Currenti, G., Allegra, M., Cannavò, F., Jousset, P., Prestifilippo, M., Napoli, R., Sciotto, M., Di Grazia, G., Privitera, E., Palazzo, S., Krawczyk, C. (2023): Distributed dynamic strain sensing of very long period and long period events on telecom fiber-optic cables at Vulcano, Italy. - Scientific Reports, 13, 4641.

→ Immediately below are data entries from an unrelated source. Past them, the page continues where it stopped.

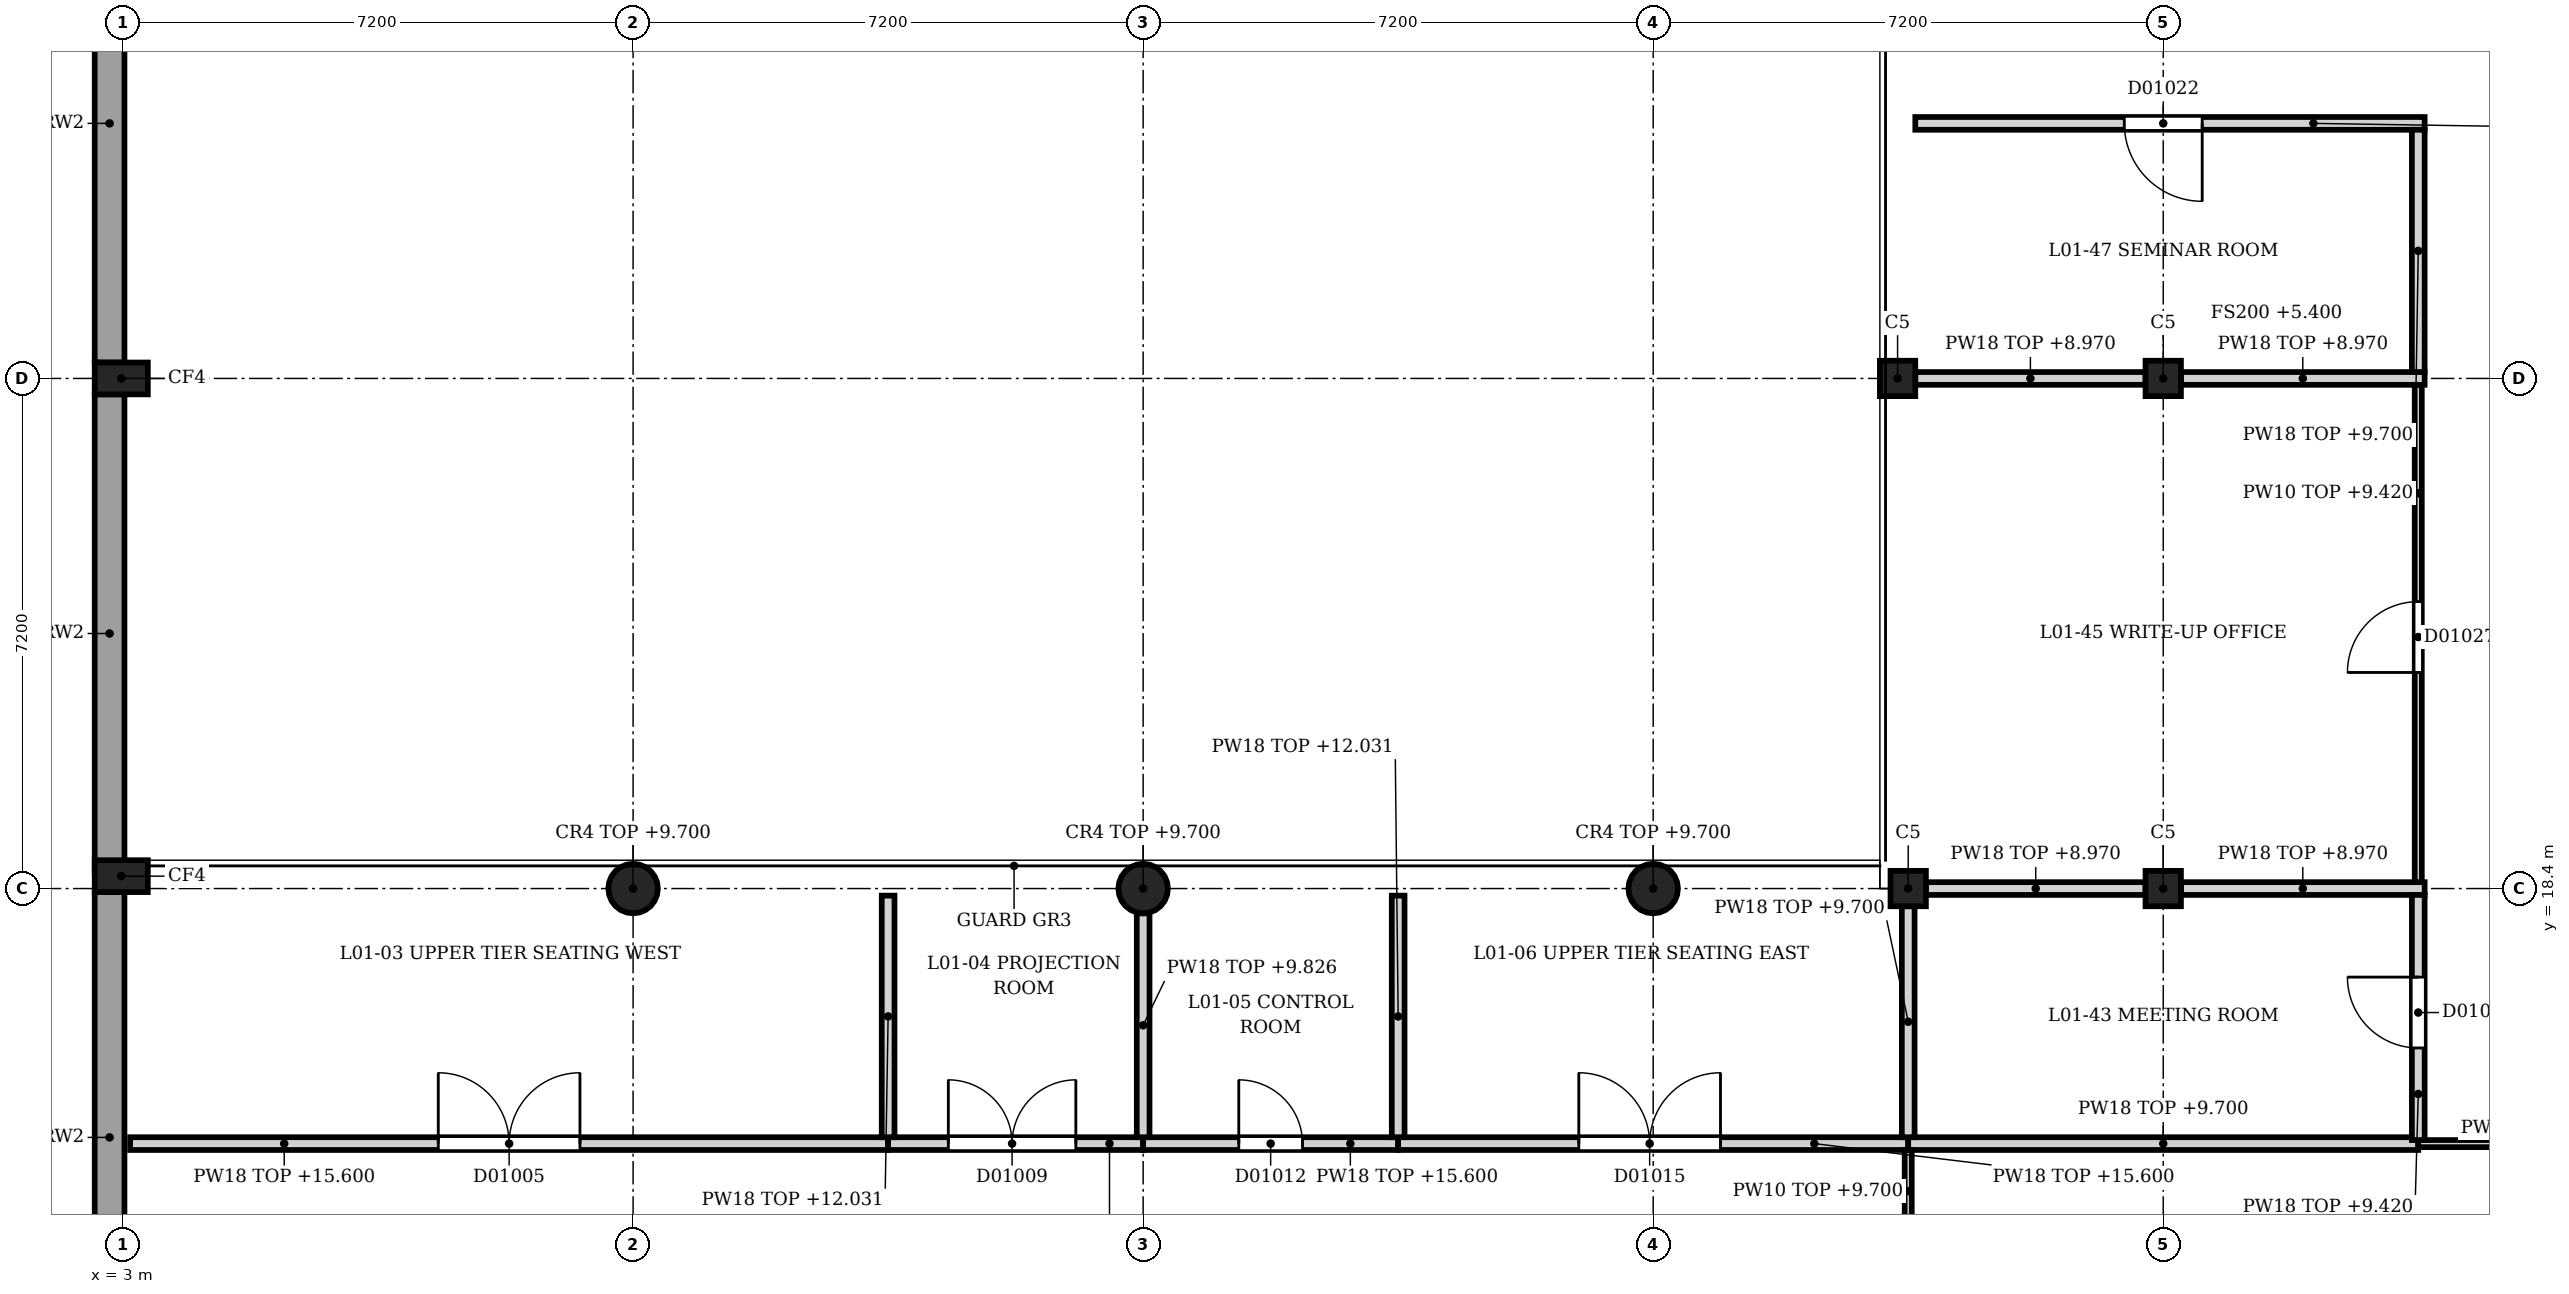
"""IFC4 building model, lengths in metres.
Left out: names, types, materials, properties, quantities, classifications, styles, units other than length and angle.
Written with IfcOpenShell. Run it as: python <this file> out.ifc"""

import sys

from ifc_helpers import new_model, si_unit, direction, frame, frame_2d, origin, origin_2d, place, context, subcontext, project, spatial, rectangle, circle, extrude, element, fill, save


model = new_model("IFC4")
c1 = context("Model", 3, precision=1e-05, world=origin(), true_north=direction((0.0, 1.0)))
c2 = subcontext(c1, "Body", "Model", "MODEL_VIEW")
j1 = project(units=[si_unit("LENGTHUNIT", "METRE"), si_unit("PLANEANGLEUNIT", "RADIAN")], contexts=[c1])
p1 = place(None, origin())
s1 = spatial("IfcSite", under=j1, at=p1, CompositionType="ELEMENT")
p2 = place(p1, origin())
s2 = spatial("IfcBuilding", under=s1, at=p2, CompositionType="ELEMENT")
p3 = place(p2, frame((0.0, 0.0, 5.4)))
s3 = spatial("IfcBuildingStorey", under=s2, at=p3, CompositionType="ELEMENT", Elevation=5.4)
for number, where, z_axis, x_axis in (
    (1, (28.2, 18.4, 0.0), (0.0, 0.0, 1.0), (1.0, 0.0, 0.0)),
    (2, (28.05, 25.6, 0.0), (0.0, 0.0, 1.0), (1.0, 0.0, 0.0)),
    (3, (31.8, 18.4, 0.0), (0.0, 0.0, 1.0), (1.0, 0.0, 0.0)),
    (4, (31.8, 25.6, 0.0), (0.0, 0.0, 1.0), (1.0, 0.0, 0.0)),
):
    element("IfcColumn", number, at=place(p3, frame(where, z_axis=z_axis, x_axis=x_axis)), inside=s3, PredefinedType="COLUMN", context=c2, shape_type="SweptSolid", body=[
        extrude(rectangle(XDim=0.5, YDim=0.5, at=origin_2d()), origin(), (0.0, 0.0, 1.0), 4.5),
    ])
p4 = place(p3, frame((2.975, 18.575, 0.0), z_axis=(0.0, 0.0, 1.0), x_axis=(1.0, 0.0, 0.0)))
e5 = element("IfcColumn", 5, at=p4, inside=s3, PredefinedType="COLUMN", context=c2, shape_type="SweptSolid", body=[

https://doi.org/10.1038/s41598-023-31779-2


Cite as: https://gfzpublic.gfz-potsdam.de/pubman/item/item_5022764
Abstract
Volcano-seismic signals can help for volcanic hazard estimation and eruption forecasting. However, the underlying mechanism for their low frequency components is still a matter of debate. Here, we show signatures of dynamic strain records from Distributed Acoustic Sensing in the low frequencies of volcanic signals at Vulcano Island, Italy. Signs of unrest have been observed since September 2021, with CO2 degassing and occurrence of long period and very long period events. We interrogated a fiber-optic telecommunication cable on-shore and off-shore linking Vulcano Island to Sicily. We explore various approaches to automatically detect seismo-volcanic events both adapting conventional algorithms and using machine learning techniques. During one month of acquisition, we found 1488 events with a great variety of waveforms composed of two main frequency bands (from 0.1 to 0.2 Hz and from 3 to 5 Hz) with various relative amplitudes. On the basis of spectral signature and family classification, we propose a model in which gas accumulates in the hydrothermal system and is released through a series of resonating fractures until the surface. Our findings demonstrate that fiber optic telecom cables in association with cutting-edge machine learning algorithms contribute to a better understanding and monitoring of volcanic hydrothermal systems.